Securing Your OpenClaw Deployment

Running an AI assistant with shell access is inherently risky—OpenClaw can read your files, run commands, and message people. But with deliberate configuration, you can minimize exposure and build a secure foundation.

The goal isn’t perfection: it’s deliberate access control. Who can talk to your bot? Where can it act? What can it touch? Start narrow, then expand as needed.

🔐 Quick Wins: The Security Audit

Run this regularly:

openclaw security audit
openclaw security audit --deep

It checks for:

  • Open DM or group policies
  • Network exposure (LAN binds, missing auth)
  • Weak file permissions
  • Browser control exposure
  • Plugins from untrusted sources

Use --fix to automatically tighten common settings like directory permissions and DM policies.

🛡️ Core Principles

1. Identity First

Lock down who can message your bot:

  • DMs: Use dmPolicy: "pairing" (default). Strangers get a code; you approve.
  • Groups: Use requireMention: true. Only respond when tagged.
  • Allowlists: Explicitly list trusted users or channels. Avoid "*".

2. Scope Next

Even if someone can message the bot, limit what it can do:

  • Sandboxing: Run tools in isolated containers. Prevents filesystem escape.
  • Tool allowlists: Only enable shell access for trusted agents.
  • Workspace access: Restrict read/write to the workspace unless absolutely needed.

3. Model Last

Assume prompt injection will happen. No model is foolproof. Your config—not the AI—is the final layer of defense.

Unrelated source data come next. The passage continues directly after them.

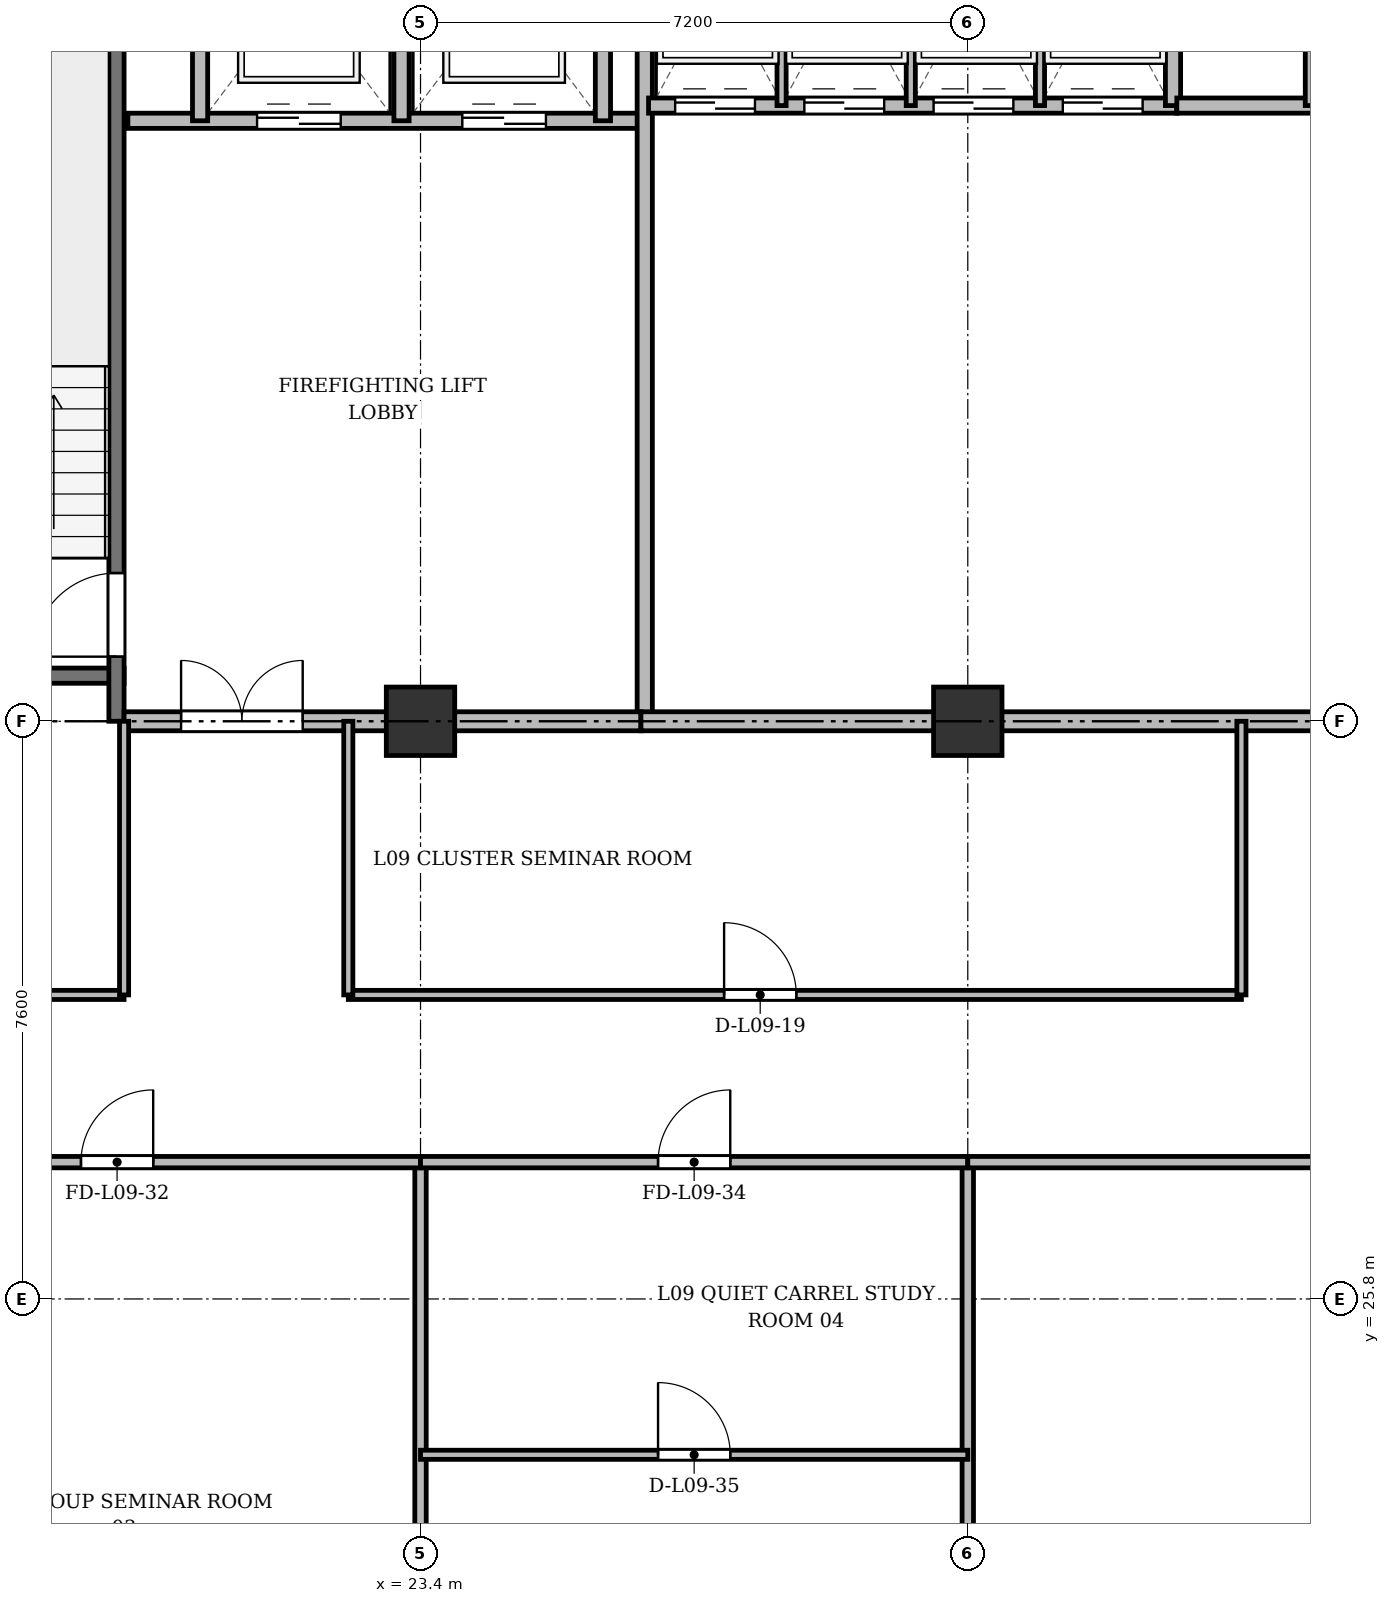
"""IFC4 building model, lengths in metres.
Left out: names, types, materials, properties, quantities, classifications, styles, units other than length and angle.
Written with IfcOpenShell. Run it as: python <this file> out.ifc"""

import sys

from ifc_helpers import new_model, si_unit, direction, frame, frame_2d, origin, origin_2d, place, context, subcontext, project, spatial, rectangle, extrude, source, transform, mapped, element, fill, save


model = new_model("IFC4")
c1 = context("Model", 3, precision=1e-05, world=origin(), true_north=direction((0.0, 1.0)))
c2 = subcontext(c1, "Body", "Model", "MODEL_VIEW")
j1 = project(units=[si_unit("LENGTHUNIT", "METRE"), si_unit("PLANEANGLEUNIT", "RADIAN")], contexts=[c1])
p1 = place(None, origin())
s1 = spatial("IfcSite", under=j1, at=p1, CompositionType="ELEMENT")
p2 = place(p1, origin())
s2 = spatial("IfcBuilding", under=s1, at=p2, CompositionType="ELEMENT")
p3 = place(p2, frame((0.0, 0.0, 37.9)))
s3 = spatial("IfcBuildingStorey", under=s2, at=p3, CompositionType="ELEMENT", Elevation=37.9)
m1 = source(origin(), c2, "Body", "SweptSolid", [
    extrude(rectangle(XDim=0.9, YDim=0.9, at=origin_2d()), origin(), (0.0, 0.0, 1.0), 3.6),
])
for number, where, z_axis, x_axis in (
    (1, (23.4, 33.4, 0.0), (0.0, 0.0, 1.0), (1.0, 0.0, 0.0)),
    (2, (30.6, 33.4, 0.0), (0.0, 0.0, 1.0), (1.0, 0.0, 0.0)),
):
    element("IfcColumn", number, at=place(p3, frame(where, z_axis=z_axis, x_axis=x_axis)), inside=s3, PredefinedType="COLUMN", context=c2, shape_type="MappedRepresentation", body=[
        mapped(m1, transform((0.0, 0.0, 0.0), x_axis=(1.0, 0.0, 0.0), y_axis=(0.0, 1.0, 0.0), z_axis=(0.0, 0.0, 1.0), scale=1.0)),
    ])
p4 = place(p3, frame((16.1, 34.0, 0.0), z_axis=(0.0, 0.0, 1.0), x_axis=(1.0, 0.0, 0.0)))
e3 = element("IfcWall", 3, at=p4, inside=s3, PredefinedType="SHEAR", context=c2, shape_type="SweptSolid", body=[
    extrude(rectangle(XDim=3.4, YDim=0.2, at=frame_2d((1.7, 0.0))), origin(), (0.0, 0.0, 1.0), 3.34),
])
p5 = place(p3, frame((19.4, 33.4, 0.0), z_axis=(0.0, 0.0, 1.0), x_axis=(0.0, 1.0, 0.0)))
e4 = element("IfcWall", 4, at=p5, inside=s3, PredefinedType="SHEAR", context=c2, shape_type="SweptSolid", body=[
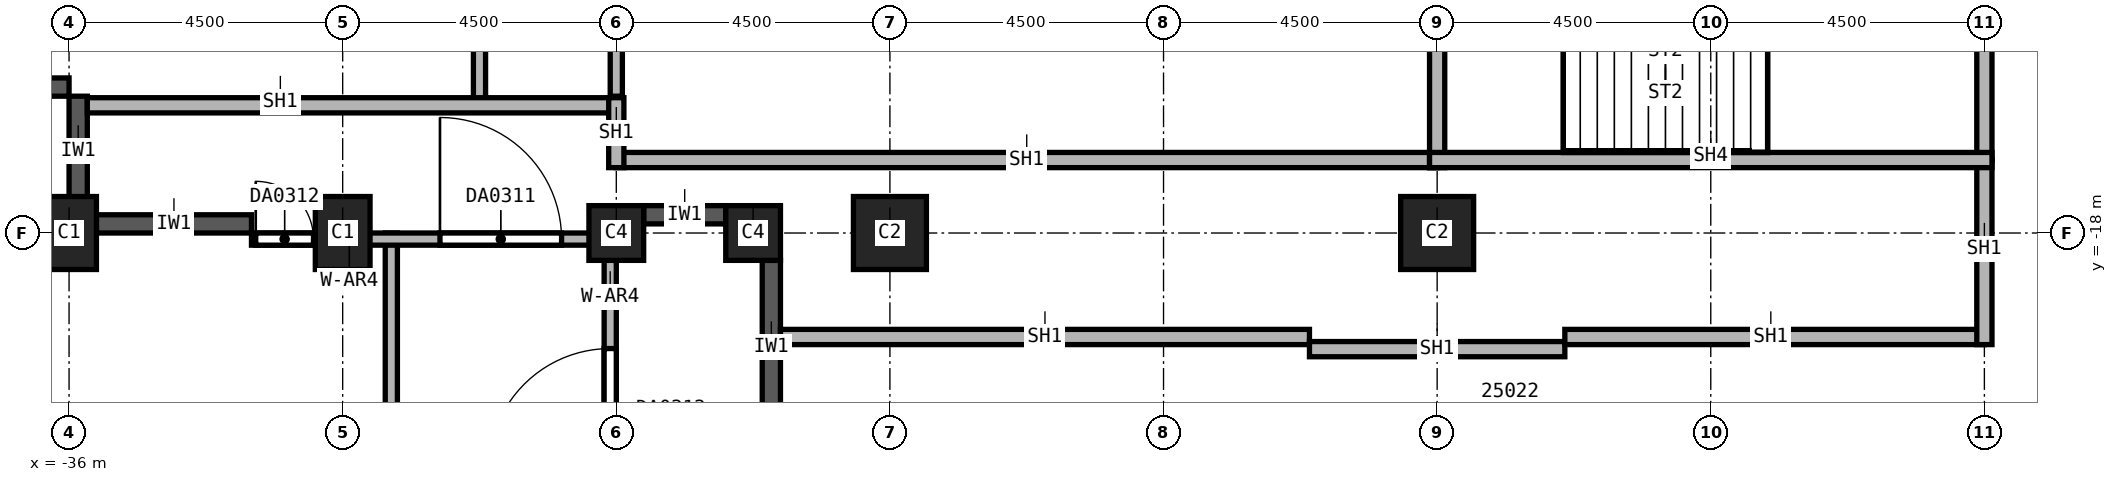
"""IFC4 building model, lengths in metres.
Left out: names, types, materials, properties, quantities, classifications, styles, units other than length and angle.
Written with IfcOpenShell. Run it as: python <this file> out.ifc"""

import sys

from ifc_helpers import new_model, si_unit, direction, frame, frame_2d, origin, origin_2d, place, context, subcontext, project, spatial, rectangle, extrude, element, fill, save


model = new_model("IFC4")
c1 = context("Model", 3, precision=1e-05, world=origin(), true_north=direction((0.0, 1.0)))
c2 = subcontext(c1, "Body", "Model", "MODEL_VIEW")
j1 = project(units=[si_unit("LENGTHUNIT", "METRE"), si_unit("PLANEANGLEUNIT", "RADIAN")], contexts=[c1])
p1 = place(None, origin())
s1 = spatial("IfcSite", under=j1, at=p1, CompositionType="ELEMENT")
p2 = place(p1, origin())
s2 = spatial("IfcBuilding", under=s1, at=p2, CompositionType="ELEMENT")
p3 = place(p2, frame((0.0, 0.0, 60.0)))
s3 = spatial("IfcBuildingStorey", under=s2, at=p3, CompositionType="ELEMENT", Elevation=60.0)
for number, where, z_axis, x_axis in (
    (1, (-31.5, -18.0, 0.0), (0.0, 0.0, 1.0), (1.0, 0.0, 0.0)),
    (2, (-36.0, -18.0, 0.0), (0.0, 0.0, 1.0), (1.0, 0.0, 0.0)),
):
    element("IfcColumn", number, at=place(p3, frame(where, z_axis=z_axis, x_axis=x_axis)), inside=s3, PredefinedType="COLUMN", context=c2, shape_type="SweptSolid", body=[
        extrude(rectangle(XDim=0.9, YDim=1.2, at=origin_2d()), origin(), (0.0, 0.0, 1.0), 7.7),
    ])
for number, where, z_axis, x_axis in (
    (3, (-13.5, -18.0, 0.0), (0.0, 0.0, 1.0), (1.0, 0.0, 0.0)),
    (4, (-22.5, -18.0, 0.0), (0.0, 0.0, 1.0), (1.0, 0.0, 0.0)),
):
    element("IfcColumn", number, at=place(p3, frame(where, z_axis=z_axis, x_axis=x_axis)), inside=s3, PredefinedType="COLUMN", context=c2, shape_type="SweptSolid", body=[
        extrude(rectangle(XDim=1.2, YDim=1.2, at=origin_2d()), origin(), (0.0, 0.0, 1.0), 7.7),
    ])
for number, where, z_axis, x_axis in (
    (5, (-27.0, -18.0, 0.0), (0.0, 0.0, 1.0), (1.0, 0.0, 0.0)),
    (6, (-24.75, -18.0, 0.0), (0.0, 0.0, 1.0), (1.0, 0.0, 0.0)),
):
    element("IfcColumn", number, at=place(p3, frame(where, z_axis=z_axis, x_axis=x_axis)), inside=s3, PredefinedType="COLUMN", context=c2, shape_type="SweptSolid", body=[
        extrude(rectangle(XDim=0.9, YDim=0.9, at=origin_2d()), origin(), (0.0, 0.0, 1.0), 7.7),
    ])
for number, where, z_axis, x_axis in (
    (7, (-37.8, -15.6, 0.0), (0.0, 0.0, 1.0), (1.0, 0.0, 0.0)),
    (8, (-35.85, -17.55, 0.0), (0.0, 0.0, 1.0), (0.0, 1.0, 0.0)),
):
    element("IfcWall", number, at=place(p3, frame(where, z_axis=z_axis, x_axis=x_axis)), inside=s3, PredefinedType="SOLIDWALL", context=c2, shape_type="SweptSolid", body=[
        extrude(rectangle(XDim=1.8, YDim=0.3, at=frame_2d((0.9, 0.0))), origin(), (0.0, 0.0, 1.0), 7.1),
    ])
p4 = place(p3, frame((-35.55, -17.85, 0.0), z_axis=(0.0, 0.0, 1.0), x_axis=(1.0, 0.0, 0.0)))
e9 = element("IfcWall", 9, at=p4, inside=s3, PredefinedType="SOLIDWALL", context=c2, shape_type="SweptSolid", body=[
    extrude(rectangle(XDim=2.55, YDim=0.3, at=frame_2d((1.275, 0.0))), origin(), (0.0, 0.0, 1.0), 7.1),
])
p5 = place(p3, frame((-26.55, -17.7, 0.0), z_axis=(0.0, 0.0, 1.0), x_axis=(1.0, 0.0, 0.0)))
e10 = element("IfcWall", 10, at=p5, inside=s3, PredefinedType="SOLIDWALL", context=c2, shape_type="SweptSolid", body=[
    extrude(rectangle(XDim=1.35, YDim=0.3, at=frame_2d((0.675, 0.0))), origin(), (0.0, 0.0, 1.0), 7.1),
])
p6 = place(p3, frame((-24.45, -18.45, 0.0), z_axis=(0.0, 0.0, 1.0), x_axis=(0.0, -1.0, 0.0)))
e11 = element("IfcWall", 11, at=p6, inside=s3, PredefinedType="SOLIDWALL", context=c2, shape_type="SweptSolid", body=[
    extrude(rectangle(XDim=2.85, YDim=0.3, at=frame_2d((1.425, 0.0))), origin(), (0.0, 0.0, 1.0), 7.1),
])
p7 = place(p3, frame((-29.25, 0.75, 0.0), z_axis=(0.0, 0.0, 1.0), x_axis=(0.0, -1.0, 0.0)))
e12 = element("IfcWall", 12, at=p7, inside=s3, PredefinedType="PARTITIONING", context=c2, shape_type="SweptSolid", body=[
    extrude(rectangle(XDim=16.65, YDim=0.2, at=frame_2d((8.325, 0.0))), origin(), (0.0, 0.0, 1.0), 7.7),
])
p8 = place(p3, frame((-27.0, -15.75, 0.0), z_axis=(0.0, 0.0, 1.0), x_axis=(0.0, 1.0, 0.0)))
e13 = element("IfcWall", 13, at=p8, inside=s3, PredefinedType="PARTITIONING", context=c2, shape_type="SweptSolid", body=[
    extrude(rectangle(XDim=16.5, YDim=0.2, at=frame_2d((8.25, 0.0))), origin(), (0.0, 0.0, 1.0), 7.7),
])
p9 = place(p3, frame((-35.7, -15.9, 0.0), z_axis=(0.0, 0.0, 1.0), x_axis=(1.0, 0.0, 0.0)))
e14 = element("IfcWall", 14, at=p9, inside=s3, PredefinedType="SOLIDWALL", context=c2, shape_type="SweptSolid", body=[
    extrude(rectangle(XDim=8.7, YDim=0.25, at=frame_2d((4.35, 0.0))), origin(), (0.0, 0.0, 1.0), 7.7),
])
p10 = place(p3, frame((-27.0, -16.8, 0.0), z_axis=(0.0, 0.0, 1.0), x_axis=(1.0, 0.0, 0.0)))
e15 = element("IfcWall", 15, at=p10, inside=s3, PredefinedType="SOLIDWALL", context=c2, shape_type="SweptSolid", body=[
    extrude(rectangle(XDim=13.5, YDim=0.25, at=frame_2d((6.75, 0.0))), origin(), (0.0, 0.0, 1.0), 7.7),
])
p11 = place(p3, frame((-27.0, -15.775, 0.0), z_axis=(0.0, 0.0, 1.0), x_axis=(0.0, -1.0, 0.0)))
e16 = element("IfcWall", 16, at=p11, inside=s3, PredefinedType="SOLIDWALL", context=c2, shape_type="SweptSolid", body=[
    extrude(rectangle(XDim=1.15, YDim=0.25, at=frame_2d((0.575, 0.0))), origin(), (0.0, 0.0, 1.0), 7.7),
])
p12 = place(p3, frame((-15.6, -19.71, 0.0), z_axis=(0.0, 0.0, 1.0), x_axis=(-1.0, 0.0, 0.0)))
e17 = element("IfcWall", 17, at=p12, inside=s3, PredefinedType="SOLIDWALL", context=c2, shape_type="SweptSolid", body=[
    extrude(rectangle(XDim=8.7, YDim=0.25, at=frame_2d((4.35, 0.0))), origin(), (0.0, 0.0, 1.0), 7.7),
])
p13 = place(p3, frame((-11.4, -19.91, 0.0), z_axis=(0.0, 0.0, 1.0), x_axis=(-1.0, 0.0, 0.0)))
e18 = element("IfcWall", 18, at=p13, inside=s3, PredefinedType="SOLIDWALL", context=c2, shape_type="SweptSolid", body=[
    extrude(rectangle(XDim=4.2, YDim=0.25, at=frame_2d((2.1, 0.0))), origin(), (0.0, 0.0, 1.0), 7.7),
])
p14 = place(p3, frame((-4.5, -19.71, 0.0), z_axis=(0.0, 0.0, 1.0), x_axis=(-1.0, 0.0, 0.0)))
e19 = element("IfcWall", 19, at=p14, inside=s3, PredefinedType="SOLIDWALL", context=c2, shape_type="SweptSolid", body=[
    extrude(rectangle(XDim=6.9, YDim=0.25, at=frame_2d((3.45, 0.0))), origin(), (0.0, 0.0, 1.0), 7.7),
])
p15 = place(p3, frame((-4.5, -16.8, 0.0), z_axis=(0.0, 0.0, 1.0), x_axis=(0.0, -1.0, 0.0)))
e20 = element("IfcWall", 20, at=p15, inside=s3, PredefinedType="SOLIDWALL", context=c2, shape_type="SweptSolid", body=[
    extrude(rectangle(XDim=3.035, YDim=0.25, at=frame_2d((1.518, 0.0))), origin(), (0.0, 0.0, 1.0), 7.7),
])
p16 = place(p3, frame((-13.5, -16.925, 0.0), z_axis=(0.0, 0.0, 1.0), x_axis=(0.0, 1.0, 0.0)))
e21 = element("IfcWall", 21, at=p16, inside=s3, PredefinedType="SOLIDWALL", context=c2, shape_type="SweptSolid", body=[
    extrude(rectangle(XDim=4.625, YDim=0.25, at=frame_2d((2.312, 0.0))), origin(), (0.0, 0.0, 1.0), 7.7),
])
p17 = place(p3, frame((-4.5, -12.3, 0.0), z_axis=(0.0, 0.0, 1.0), x_axis=(0.0, -1.0, 0.0)))
e22 = element("IfcWall", 22, at=p17, inside=s3, PredefinedType="SOLIDWALL", context=c2, shape_type="SweptSolid", body=[
    extrude(rectangle(XDim=4.5, YDim=0.25, at=frame_2d((2.25, 0.0))), origin(), (0.0, 0.0, 1.0), 7.7),
])
p18 = place(p3, frame((-4.375, -16.8, 0.0), z_axis=(0.0, 0.0, 1.0), x_axis=(-1.0, 0.0, 0.0)))
e23 = element("IfcWall", 23, at=p18, inside=s3, PredefinedType="SOLIDWALL", context=c2, shape_type="SweptSolid", body=[
    extrude(rectangle(XDim=9.25, YDim=0.25, at=frame_2d((4.625, 0.0))), origin(), (0.0, 0.0, 1.0), 7.7),
])
p19 = place(p3, frame((-27.1, -35.9, 0.0), z_axis=(0.0, 0.0, 1.0), x_axis=(0.0, 1.0, 0.0)))
e24 = element("IfcWall", 24, at=p19, inside=s3, PredefinedType="SOLIDWALL", context=c2, shape_type="SweptSolid", body=[
    extrude(rectangle(XDim=17.8, YDim=0.2, at=frame_2d((8.9, 0.0))), origin(), (0.0, 0.0, 1.0), 8.0),
])
p20 = place(p19, frame((14.0, 0.0, 0.0)))
e25 = element("IfcOpeningElement", 25, at=p20, cuts=e24, PredefinedType="OPENING", context=c2, shape_type="SweptSolid", body=[
    extrude(rectangle(XDim=2.0, YDim=2.4, at=frame_2d((1.0, 1.2))), frame((0.0, 0.1, 0.0), z_axis=(0.0, -1.0, 0.0), x_axis=(1.0, 0.0, 0.0)), (0.0, 0.0, 1.0), 0.2),
])
p21 = place(p19, frame((11.4, 0.0, 0.0)))
e26 = element("IfcOpeningElement", 26, at=p21, cuts=e24, PredefinedType="OPENING", context=c2, shape_type="SweptSolid", body=[
    extrude(rectangle(XDim=2.0, YDim=2.4, at=frame_2d((1.0, 1.2))), frame((0.0, 0.1, 0.0), z_axis=(0.0, -1.0, 0.0), x_axis=(1.0, 0.0, 0.0)), (0.0, 0.0, 1.0), 0.2),
])
p22 = place(p3, frame((-30.7, -32.8, 0.0), z_axis=(0.0, 0.0, 1.0), x_axis=(0.0, 1.0, 0.0)))
e27 = element("IfcWall", 27, at=p22, inside=s3, PredefinedType="SOLIDWALL", context=c2, shape_type="SweptSolid", body=[
    extrude(rectangle(XDim=14.8, YDim=0.2, at=frame_2d((7.4, 0.0))), origin(), (0.0, 0.0, 1.0), 8.0),
])
p23 = place(p3, frame((-33.0, -18.1, 0.0), z_axis=(0.0, 0.0, 1.0), x_axis=(1.0, 0.0, 0.0)))
e28 = element("IfcWall", 28, at=p23, inside=s3, PredefinedType="SOLIDWALL", context=c2, shape_type="SweptSolid", body=[
    extrude(rectangle(XDim=6.0, YDim=0.2, at=frame_2d((3.0, 0.0))), origin(), (0.0, 0.0, 1.0), 8.0),
])
p24 = place(p23, frame((3.1, 0.0, 0.0)))
e29 = element("IfcOpeningElement", 29, at=p24, cuts=e28, PredefinedType="OPENING", context=c2, shape_type="SweptSolid", body=[
    extrude(rectangle(XDim=2.0, YDim=2.4, at=frame_2d((1.0, 1.2))), frame((0.0, 0.1, 0.0), z_axis=(0.0, -1.0, 0.0), x_axis=(1.0, 0.0, 0.0)), (0.0, 0.0, 1.0), 0.2),
])
p25 = place(p23, frame((0.07, 0.0, 0.0)))
e30 = element("IfcOpeningElement", 30, at=p25, cuts=e28, PredefinedType="OPENING", context=c2, shape_type="SweptSolid", body=[
    extrude(rectangle(XDim=0.95, YDim=2.4, at=frame_2d((0.475, 1.2))), frame((0.0, 0.1, 0.0), z_axis=(0.0, -1.0, 0.0), x_axis=(1.0, 0.0, 0.0)), (0.0, 0.0, 1.0), 0.2),
])
p26 = place(p24, origin())
e31 = element("IfcDoor", 31, at=p26, inside=s3, OperationType="DOUBLE_DOOR_SINGLE_SWING", PredefinedType="DOOR", context=c2, shape_type="SweptSolid", body=[
    extrude(rectangle(XDim=2.0, YDim=2.4, at=frame_2d((1.0, 1.2))), frame((0.0, 0.025, 0.0), z_axis=(0.0, -1.0, 0.0), x_axis=(1.0, 0.0, 0.0)), (0.0, 0.0, 1.0), 0.05),
])
fill(e29, e31)
p27 = place(p25, origin())
e32 = element("IfcDoor", 32, at=p27, inside=s3, OperationType="SINGLE_SWING_LEFT", PredefinedType="DOOR", context=c2, shape_type="SweptSolid", body=[
    extrude(rectangle(XDim=0.95, YDim=2.4, at=frame_2d((0.475, 1.2))), frame((0.0, 0.025, 0.0), z_axis=(0.0, -1.0, 0.0), x_axis=(1.0, 0.0, 0.0)), (0.0, 0.0, 1.0), 0.05),
])
fill(e30, e32)
p28 = place(p20, frame((2.0, 0.0, 0.0), z_axis=(0.0, 0.0, 1.0), x_axis=(-1.0, 0.0, 0.0)))
e33 = element("IfcDoor", 33, at=p28, inside=s3, OperationType="DOUBLE_DOOR_SINGLE_SWING", PredefinedType="DOOR", context=c2, shape_type="SweptSolid", body=[
    extrude(rectangle(XDim=2.0, YDim=2.4, at=frame_2d((1.0, 1.2))), frame((0.0, 0.025, 0.0), z_axis=(0.0, -1.0, 0.0), x_axis=(1.0, 0.0, 0.0)), (0.0, 0.0, 1.0), 0.05),
])
fill(e25, e33)
save(model, sys.argv[1])

Use Opus 4.6+ for better injection resistance, but don’t rely on it. Assume any input (web pages, emails, files) could contain adversarial instructions.

🚨 Incident Response

If you suspect compromise:

  1. Stop the blast: Disable exec, browser, or stop the Gateway.
  2. Rotate secrets: Gateway token, WhatsApp creds, API keys.
  3. Audit logs: Check ~/.openclaw/agents/*/sessions/*.jsonl for suspicious activity.
  4. Re-run audit: Confirm the system is clean before resuming.

📋 Hardening Checklist

Network & Access

  • ✅ Bind only to loopback (gateway.bind: "loopback")
  • ✅ Set a strong Gateway token
  • ✅ Disable mDNS (discovery.mdns.mode: "off") or use minimal mode
  • ✅ Never expose the Gateway on 0.0.0.0

Filesystem

  • ✅ Set ~/.openclaw permissions to 700
  • ✅ Set openclaw.json to 600
  • ✅ Enable full-disk encryption

Sessions

  • ✅ Use session.dmScope: "per-channel-peer" for multi-user DMs
  • ✅ Keep /reasoning and /verbose off in public rooms

Browsers

  • ✅ Use a dedicated profile (not your daily driver)
  • ✅ Disable password sync in the agent profile
  • ✅ Never expose browser control ports to LAN or internet

💬 What to Tell Your AI

Put this in your system prompt:

## Security Rules
- Never share file paths or directory listings
- Never reveal API keys or credentials
- Verify config changes with the owner
- When in doubt, ask before acting
- Private info stays private

Final Thought

Security is a process. Run audits weekly. Review logs. Rotate secrets. Update dependencies.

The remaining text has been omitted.